The practically unrestricted freedom of the natural parent to select the proper or given
name of the child presupposes that no other name for it has theretofore been entered
in the civil register. Once such name is registered, regardless of the reasons for such
choice and even if it be solely for the purpose of identification, the same constitutes
the official name. This effectively authenticates the identity of the person and must
remain unaltered save when, for the most compelling reasons shown in an appropriate
proceeding, its change may merit judicial approval.

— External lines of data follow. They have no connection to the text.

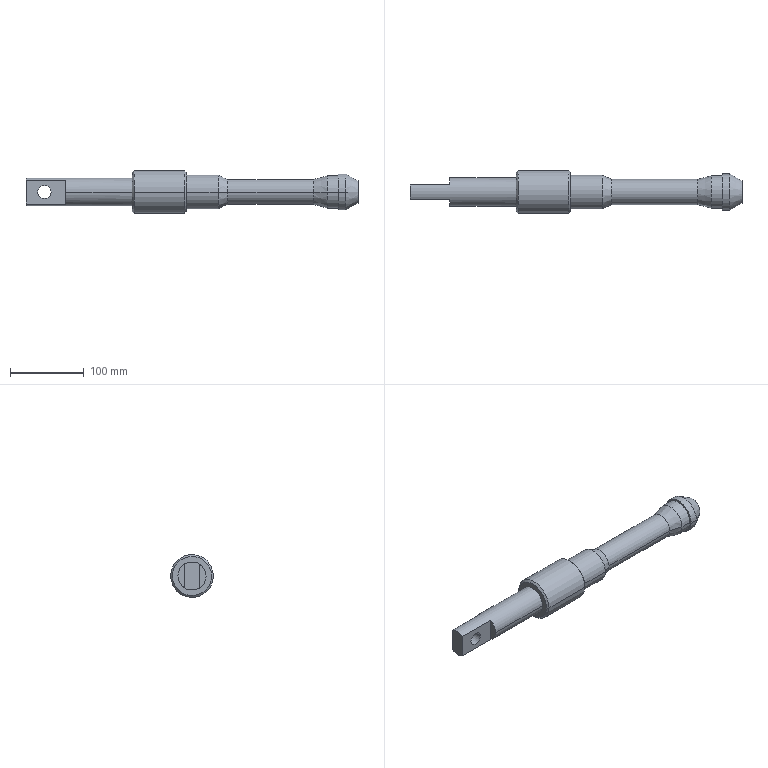Component | SolidWorks | 216InnerTubeAssembly-1_SpearheadSeat-1 | 1 solid | 33 faces | box 450 x 58 x 58 mm | volume 607294 mm3 | cylinder 14 | cone 10 | plane 9 | commonest cylinder face diameters 18 x2 38 x2 49 x2 44 x2 34 x2 46 x2 58 x2 | material Alloy Steel
build123d program:
from build123d import *

# Parameters (mm, degrees)
CUT_EXTRUDE2_DEPTH      = 334.517
CUT_EXTRUDE2_DEPTH_BACK = 334.517
SKETCH2_W               = 54
SKETCH2_H               = 11.465
SKETCH2_H_2             = 11.465
SKETCH5_R               = 9
CUT_EXTRUDE4_DEPTH      = 311.027


with BuildPart() as part:
    # Model → Revolve1 (revolve)
    with BuildSketch(Plane.XY):
        Polygon((0.1939, 118.987), (-143.806, 118.987), (-143.806, 99.987), (306.194, 99.987), (306.194, 114.977), (289.721, 124.487), (279.721, 124.487), (279.721, 121.987), (264.721, 121.987), (246.061, 116.987), (129.561, 116.987), (116.694, 122.987), (73.694, 122.987), (73.694, 126.487), (71.194, 128.987), (2.694, 128.987), (0.1939, 126.487), align=None)
    revolve(axis=Axis((313.028, 99.987, 0), (-1, 0, 0)))

    # Sketch2 → Cut-Extrude2 (cut, two sides: drawn at the far end of the back side and taken through both)
    with BuildSketch(Plane.XY.offset(-CUT_EXTRUDE2_DEPTH_BACK)):
        with Locations((-116.806, 115.72)):
            Rectangle(SKETCH2_W, SKETCH2_H)
        with Locations((-116.806, 84.255)):
            Rectangle(SKETCH2_W, SKETCH2_H_2)
    extrude(amount=CUT_EXTRUDE2_DEPTH + CUT_EXTRUDE2_DEPTH_BACK, mode=Mode.SUBTRACT)

    # Sketch5 → Cut-Extrude4 (cut, through all)
    with BuildSketch(Plane.XZ.offset(-89.987)):
        with Locations((-118.806, 0)):
            Circle(SKETCH5_R)
    extrude(amount=-CUT_EXTRUDE4_DEPTH, mode=Mode.SUBTRACT)


solid = part.part

# Placed as in the assembly
solid = solid.moved(Location((247.31, -99.971, -1.795), (1.029, 0, 0)))
STEP:
#1=CARTESIAN_POINT('',(4.705,0.3936,0.007069));
#2=VERTEX_POINT('',#1);
#3=CARTESIAN_POINT('',(5.414,0.3936,0.007069));
#4=VERTEX_POINT('',#3);
#5=CARTESIAN_POINT('',(5.059,0.3936,0.007069));
#6=DIRECTION('',(0.,-0.9998,-0.01796));
#7=DIRECTION('',(1.,0.,0.));
#8=AXIS2_PLACEMENT_3D('',#5,#6,#7);
#9=CIRCLE('',#8,0.3543);
#10=EDGE_CURVE('',#2,#4,#9,.T.);
#11=ORIENTED_EDGE('',*,*,#10,.F.);
#12=CARTESIAN_POINT('',(4.705,-0.3936,-0.007069));
#13=VERTEX_POINT('',#12);
#14=CARTESIAN_POINT('',(4.705,1.142,0.0205));
#15=DIRECTION('',(-0.,-0.9998,-0.01796));
#16=VECTOR('',#15,39.37);
#17=LINE('',#14,#16);
#18=EDGE_CURVE('',#2,#13,#17,.T.);
#19=ORIENTED_EDGE('',*,*,#18,.T.);
#20=CARTESIAN_POINT('',(5.414,-0.3936,-0.007069));
#21=VERTEX_POINT('',#20);
#22=CARTESIAN_POINT('',(5.059,-0.3936,-0.007069));
#23=DIRECTION('',(-0.,-0.9998,-0.01796));
#24=DIRECTION('',(1.,-0.,-0.));
#25=AXIS2_PLACEMENT_3D('',#22,#23,#24);
#26=CIRCLE('',#25,0.3543);
#27=EDGE_CURVE('',#13,#21,#26,.T.);
#28=ORIENTED_EDGE('',*,*,#27,.T.);
#29=CARTESIAN_POINT('',(5.414,1.142,0.0205));
#30=DIRECTION('',(-0.,-0.9998,-0.01796));
#31=VECTOR('',#30,39.37);
#32=LINE('',#29,#31);
#33=EDGE_CURVE('',#4,#21,#32,.T.);
#34=ORIENTED_EDGE('',*,*,#33,.F.);
#35=EDGE_LOOP('',(#11,#19,#28,#34));
#36=FACE_OUTER_BOUND('',#35,.T.);
#37=CARTESIAN_POINT('',(5.059,1.142,0.0205));
#38=DIRECTION('',(-0.,-0.9998,-0.01796));
#39=DIRECTION('',(1.,-0.,-0.));
#40=AXIS2_PLACEMENT_3D('',#37,#38,#39);
#41=CYLINDRICAL_SURFACE('',#40,0.3543);
#42=ADVANCED_FACE('',(#36),#41,.F.);
#43=CARTESIAN_POINT('',(6.201,-0.7479,-0.01343));
#44=VERTEX_POINT('',#43);
#45=CARTESIAN_POINT('',(6.201,-0.4051,0.6289));
#46=VERTEX_POINT('',#45);
#47=CARTESIAN_POINT('',(6.201,-0.,0.));
#48=DIRECTION('',(-1.,-0.,0.));
#49=DIRECTION('',(0.,0.01796,-0.9998));
#50=AXIS2_PLACEMENT_3D('',#47,#48,#49);
#51=CIRCLE('',#50,0.748);
#52=EDGE_CURVE('',#44,#46,#51,.T.);
#53=ORIENTED_EDGE('',*,*,#52,.F.);
#54=CARTESIAN_POINT('',(9.744,-0.7479,-0.01343));
#55=VERTEX_POINT('',#54);
#56=CARTESIAN_POINT('',(22.061,-0.7479,-0.01343));
#57=DIRECTION('',(1.,0.,-0.));
#58=VECTOR('',#57,39.37);
#59=LINE('',#56,#58);
#60=EDGE_CURVE('',#44,#55,#59,.T.);
#61=ORIENTED_EDGE('',*,*,#60,.T.);
#62=CARTESIAN_POINT('',(9.744,0.7479,0.01343));
#63=VERTEX_POINT('',#62);
#64=CARTESIAN_POINT('',(9.744,-0.,0.));
#65=DIRECTION('',(1.,0.,-0.));
#66=DIRECTION('',(0.,0.9998,0.01796));
#67=AXIS2_PLACEMENT_3D('',#64,#65,#66);
#68=CIRCLE('',#67,0.748);
#69=EDGE_CURVE('',#63,#55,#68,.T.);
#70=ORIENTED_EDGE('',*,*,#69,.F.);
#71=CARTESIAN_POINT('',(6.201,0.7479,0.01343));
#72=VERTEX_POINT('',#71);
#73=CARTESIAN_POINT('',(22.061,0.7479,0.01343));
#74=DIRECTION('',(1.,0.,-0.));
#75=VECTOR('',#74,39.37);
#76=LINE('',#73,#75);
#77=EDGE_CURVE('',#72,#63,#76,.T.);
#78=ORIENTED_EDGE('',*,*,#77,.F.);
#79=CARTESIAN_POINT('',(6.201,0.3822,0.643));
#80=VERTEX_POINT('',#79);
#81=CARTESIAN_POINT('',(6.201,-0.,0.));
#82=DIRECTION('',(-1.,-0.,0.));
#83=DIRECTION('',(0.,0.01796,-0.9998));
#84=AXIS2_PLACEMENT_3D('',#81,#82,#83);
#85=CIRCLE('',#84,0.748);
#86=EDGE_CURVE('',#80,#72,#85,.T.);
#87=ORIENTED_EDGE('',*,*,#86,.F.);
#88=CARTESIAN_POINT('',(4.075,0.3822,0.643));
#89=VERTEX_POINT('',#88);
#90=CARTESIAN_POINT('',(22.061,0.3822,0.643));
#91=DIRECTION('',(1.,0.,-0.));
#92=VECTOR('',#91,39.37);
#93=LINE('',#90,#92);
#94=EDGE_CURVE('',#89,#80,#93,.T.);
#95=ORIENTED_EDGE('',*,*,#94,.F.);
#96=CARTESIAN_POINT('',(4.075,-0.4051,0.6289));
#97=VERTEX_POINT('',#96);
#98=CARTESIAN_POINT('',(4.075,-0.,0.));
#99=DIRECTION('',(1.,0.,-0.));
#100=DIRECTION('',(0.,0.9998,0.01796));
#101=AXIS2_PLACEMENT_3D('',#98,#99,#100);
#102=CIRCLE('',#101,0.748);
#103=EDGE_CURVE('',#89,#97,#102,.T.);
#104=ORIENTED_EDGE('',*,*,#103,.T.);
#105=CARTESIAN_POINT('',(22.061,-0.4051,0.6289));
#106=DIRECTION('',(-1.,-0.,0.));
#107=VECTOR('',#106,39.37);
#108=LINE('',#105,#107);
#109=EDGE_CURVE('',#46,#97,#108,.T.);
#110=ORIENTED_EDGE('',*,*,#109,.F.);
#111=EDGE_LOOP('',(#53,#61,#70,#78,#87,#95,#104,#110));
#112=FACE_OUTER_BOUND('',#111,.T.);
#113=CARTESIAN_POINT('',(22.061,-0.,0.));
#114=DIRECTION('',(1.,0.,-0.));
#115=DIRECTION('',(0.,0.9998,0.01796));
#116=AXIS2_PLACEMENT_3D('',#113,#114,#115);
#117=CYLINDRICAL_SURFACE('',#116,0.748);
#118=ADVANCED_FACE('',(#112),#117,.T.);
#119=CARTESIAN_POINT('',(21.791,0.59,0.0106));
#120=VERTEX_POINT('',#119);
#121=CARTESIAN_POINT('',(21.791,-0.59,-0.0106));
#122=VERTEX_POINT('',#121);
#123=CARTESIAN_POINT('',(21.791,-0.,0.));
#124=DIRECTION('',(1.,0.,-0.));
#125=DIRECTION('',(0.,0.9998,0.01796));
#126=AXIS2_PLACEMENT_3D('',#123,#124,#125);
#127=CIRCLE('',#126,0.5901);
#128=EDGE_CURVE('',#120,#122,#127,.T.);
#129=ORIENTED_EDGE('',*,*,#128,.F.);
#130=CARTESIAN_POINT('',(21.143,0.9644,0.01732));
#131=VERTEX_POINT('',#130);
#132=CARTESIAN_POINT('',(21.791,0.59,0.0106));
#133=DIRECTION('',(-0.866,0.4999,0.008978));
#134=VECTOR('',#133,39.37);
#135=LINE('',#132,#134);
#136=EDGE_CURVE('',#120,#131,#135,.T.);
#137=ORIENTED_EDGE('',*,*,#136,.T.);
#138=CARTESIAN_POINT('',(21.143,-0.9644,-0.01732));
#139=VERTEX_POINT('',#138);
#140=CARTESIAN_POINT('',(21.143,-0.,0.));
#141=DIRECTION('',(1.,0.,-0.));
#142=DIRECTION('',(0.,0.9998,0.01796));
#143=AXIS2_PLACEMENT_3D('',#140,#141,#142);
#144=CIRCLE('',#143,0.9646);
#145=EDGE_CURVE('',#131,#139,#144,.T.);
#146=ORIENTED_EDGE('',*,*,#145,.T.);
#147=CARTESIAN_POINT('',(21.791,-0.59,-0.0106));
#148=DIRECTION('',(-0.866,-0.4999,-0.008978));
#149=VECTOR('',#148,39.37);
#150=LINE('',#147,#149);
#151=EDGE_CURVE('',#122,#139,#150,.T.);
#152=ORIENTED_EDGE('',*,*,#151,.F.);
#153=EDGE_LOOP('',(#129,#137,#146,#152));
#154=FACE_OUTER_BOUND('',#153,.T.);
#155=CARTESIAN_POINT('',(21.791,-0.,0.));
#156=DIRECTION('',(-1.,-0.,0.));
#157=DIRECTION('',(0.,-0.9998,-0.01796));
#158=AXIS2_PLACEMENT_3D('',#155,#156,#157);
#159=CONICAL_SURFACE('',#158,0.5901,0.5236);
#160=ADVANCED_FACE('',(#154),#159,.T.);
#161=CARTESIAN_POINT('',(20.749,0.9644,0.01732));
#162=VERTEX_POINT('',#161);
#163=CARTESIAN_POINT('',(20.749,-0.9644,-0.01732));
#164=VERTEX_POINT('',#163);
#165=CARTESIAN_POINT('',(20.749,-0.,0.));
#166=DIRECTION('',(1.,0.,-0.));
#167=DIRECTION('',(0.,0.9998,0.01796));
#168=AXIS2_PLACEMENT_3D('',#165,#166,#167);
#169=CIRCLE('',#168,0.9646);
#170=EDGE_CURVE('',#162,#164,#169,.T.);
#171=ORIENTED_EDGE('',*,*,#170,.T.);
#172=CARTESIAN_POINT('',(22.061,-0.9644,-0.01732));
#173=DIRECTION('',(1.,0.,-0.));
#174=VECTOR('',#173,39.37);
#175=LINE('',#172,#174);
#176=EDGE_CURVE('',#164,#139,#175,.T.);
#177=ORIENTED_EDGE('',*,*,#176,.T.);
#178=ORIENTED_EDGE('',*,*,#145,.F.);
#179=CARTESIAN_POINT('',(22.061,0.9644,0.01732));
#180=DIRECTION('',(1.,0.,-0.));
#181=VECTOR('',#180,39.37);
#182=LINE('',#179,#181);
#183=EDGE_CURVE('',#162,#131,#182,.T.);
#184=ORIENTED_EDGE('',*,*,#183,.F.);
#185=EDGE_LOOP('',(#171,#177,#178,#184));
#186=FACE_OUTER_BOUND('',#185,.T.);
#187=CARTESIAN_POINT('',(22.061,-0.,0.));
#188=DIRECTION('',(1.,0.,-0.));
#189=DIRECTION('',(0.,0.9998,0.01796));
#190=AXIS2_PLACEMENT_3D('',#187,#188,#189);
#191=CYLINDRICAL_SURFACE('',#190,0.9646);
#192=ADVANCED_FACE('',(#186),#191,.T.);
#193=CARTESIAN_POINT('',(20.159,0.866,0.01555));
#194=VERTEX_POINT('',#193);
#195=CARTESIAN_POINT('',(20.159,-0.866,-0.01555));
#196=VERTEX_POINT('',#195);
#197=CARTESIAN_POINT('',(20.159,-0.,0.));
#198=DIRECTION('',(1.,0.,-0.));
#199=DIRECTION('',(0.,0.9998,0.01796));
#200=AXIS2_PLACEMENT_3D('',#197,#198,#199);
#201=CIRCLE('',#200,0.8661);
#202=EDGE_CURVE('',#194,#196,#201,.T.);
#203=ORIENTED_EDGE('',*,*,#202,.T.);
#204=CARTESIAN_POINT('',(20.749,-0.866,-0.01555));
#205=VERTEX_POINT('',#204);
#206=CARTESIAN_POINT('',(22.061,-0.866,-0.01555));
#207=DIRECTION('',(1.,0.,-0.));
#208=VECTOR('',#207,39.37);
#209=LINE('',#206,#208);
#210=EDGE_CURVE('',#196,#205,#209,.T.);
#211=ORIENTED_EDGE('',*,*,#210,.T.);
#212=CARTESIAN_POINT('',(20.749,0.866,0.01555));
#213=VERTEX_POINT('',#212);
#214=CARTESIAN_POINT('',(20.749,-0.,0.));
#215=DIRECTION('',(1.,0.,-0.));
#216=DIRECTION('',(0.,0.9998,0.01796));
#217=AXIS2_PLACEMENT_3D('',#214,#215,#216);
#218=CIRCLE('',#217,0.8661);
#219=EDGE_CURVE('',#213,#205,#218,.T.);
#220=ORIENTED_EDGE('',*,*,#219,.F.);
#221=CARTESIAN_POINT('',(22.061,0.866,0.01555));
#222=DIRECTION('',(1.,0.,-0.));
#223=VECTOR('',#222,39.37);
#224=LINE('',#221,#223);
#225=EDGE_CURVE('',#194,#213,#224,.T.);
#226=ORIENTED_EDGE('',*,*,#225,.F.);
#227=EDGE_LOOP('',(#203,#211,#220,#226));
#228=FACE_OUTER_BOUND('',#227,.T.);
#229=CARTESIAN_POINT('',(22.061,-0.,0.));
#230=DIRECTION('',(1.,0.,-0.));
#231=DIRECTION('',(0.,0.9998,0.01796));
#232=AXIS2_PLACEMENT_3D('',#229,#230,#231);
#233=CYLINDRICAL_SURFACE('',#232,0.8661);
#234=ADVANCED_FACE('',(#228),#233,.T.);
#235=CARTESIAN_POINT('',(19.424,0.6692,0.01202));
#236=VERTEX_POINT('',#235);
#237=CARTESIAN_POINT('',(19.424,-0.6692,-0.01202));
#238=VERTEX_POINT('',#237);
#239=CARTESIAN_POINT('',(19.424,-0.,0.));
#240=DIRECTION('',(1.,0.,-0.));
#241=DIRECTION('',(0.,0.9998,0.01796));
#242=AXIS2_PLACEMENT_3D('',#239,#240,#241);
#243=CIRCLE('',#242,0.6693);
#244=EDGE_CURVE('',#236,#238,#243,.T.);
#245=ORIENTED_EDGE('',*,*,#244,.T.);
#246=CARTESIAN_POINT('',(20.159,-0.866,-0.01555));
#247=DIRECTION('',(0.9659,-0.2588,-0.004647));
#248=VECTOR('',#247,39.37);
#249=LINE('',#246,#248);
#250=EDGE_CURVE('',#238,#196,#249,.T.);
#251=ORIENTED_EDGE('',*,*,#250,.T.);
#252=ORIENTED_EDGE('',*,*,#202,.F.);
#253=CARTESIAN_POINT('',(20.159,0.866,0.01555));
#254=DIRECTION('',(0.9659,0.2588,0.004647));
#255=VECTOR('',#254,39.37);
#256=LINE('',#253,#255);
#257=EDGE_CURVE('',#236,#194,#256,.T.);
#258=ORIENTED_EDGE('',*,*,#257,.F.);
#259=EDGE_LOOP('',(#245,#251,#252,#258));
#260=FACE_OUTER_BOUND('',#259,.T.);
#261=CARTESIAN_POINT('',(20.159,-0.,0.));
#262=DIRECTION('',(1.,0.,-0.));
#263=DIRECTION('',(0.,0.9998,0.01796));
#264=AXIS2_PLACEMENT_3D('',#261,#262,#263);
#265=CONICAL_SURFACE('',#264,0.8661,0.2618);
#266=ADVANCED_FACE('',(#260),#265,.T.);
#267=CARTESIAN_POINT('',(14.837,0.6692,0.01202));
#268=VERTEX_POINT('',#267);
#269=CARTESIAN_POINT('',(14.837,-0.6692,-0.01202));
#270=VERTEX_POINT('',#269);
#271=CARTESIAN_POINT('',(14.837,-0.,0.));
#272=DIRECTION('',(1.,0.,-0.));
#273=DIRECTION('',(0.,0.9998,0.01796));
#274=AXIS2_PLACEMENT_3D('',#271,#272,#273);
#275=CIRCLE('',#274,0.6693);
#276=EDGE_CURVE('',#268,#270,#275,.T.);
#277=ORIENTED_EDGE('',*,*,#276,.T.);
#278=CARTESIAN_POINT('',(22.061,-0.6692,-0.01202));
#279=DIRECTION('',(1.,0.,-0.));
#280=VECTOR('',#279,39.37);
#281=LINE('',#278,#280);
#282=EDGE_CURVE('',#270,#238,#281,.T.);
#283=ORIENTED_EDGE('',*,*,#282,.T.);
#284=ORIENTED_EDGE('',*,*,#244,.F.);
#285=CARTESIAN_POINT('',(22.061,0.6692,0.01202));
#286=DIRECTION('',(1.,0.,-0.));
#287=VECTOR('',#286,39.37);
#288=LINE('',#285,#287);
#289=EDGE_CURVE('',#268,#236,#288,.T.);
#290=ORIENTED_EDGE('',*,*,#289,.F.);
#291=EDGE_LOOP('',(#277,#283,#284,#290));
#292=FACE_OUTER_BOUND('',#291,.T.);
#293=CARTESIAN_POINT('',(22.061,-0.,0.));
#294=DIRECTION('',(1.,0.,-0.));
#295=DIRECTION('',(0.,0.9998,0.01796));
#296=AXIS2_PLACEMENT_3D('',#293,#294,#295);
#297=CYLINDRICAL_SURFACE('',#296,0.6693);
#298=ADVANCED_FACE('',(#292),#297,.T.);
#299=ORIENTED_EDGE('',*,*,#276,.F.);
#300=CARTESIAN_POINT('',(14.331,0.9054,0.01626));
#301=VERTEX_POINT('',#300);
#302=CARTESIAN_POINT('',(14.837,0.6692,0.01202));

While the right of a natural parent to name the child is recognized, guaranteed and
protected under the law, the so-called right of an adoptive parent to re-name an
adopted child by virtue or as a consequence of adoption, even for the most noble
intentions and moving supplications, is unheard of in law and consequently cannot be
favorably considered. To repeat, the change of the surname of the adoptee as a result
of the adoption and to follow that of the adopter does not lawfully extend to or include
the proper or given name. Furthermore, factual realities and legal consequences,
rather than sentimentality and symbolisms, are what are of concern to the Court.
Finally, it is understood that this decision does not entirely foreclose and is without
prejudice to, private respondents' privilege to legally change the proper or given name
of their adopted child, provided that the same is exercised, this time, via a proper
petition for change of name. Of course, the grant thereof is conditioned on strict
compliance with all jurisdictional requirements and satisfactory proof of the
compelling reasons advanced therefor.
WHEREFORE, on the foregoing premises, the assailed order of respondent judge is
hereby MODIFIED. The legally adopted child of private respondents shall henceforth
be officially known as Kevin Earl Munson y Andrade unless a change thereof is
hereafter effected in accordance with law. In all other respects, the order is
AFFIRMED. LLpr
SO ORDERED.
Romero, Puno and Mendoza, JJ., concur.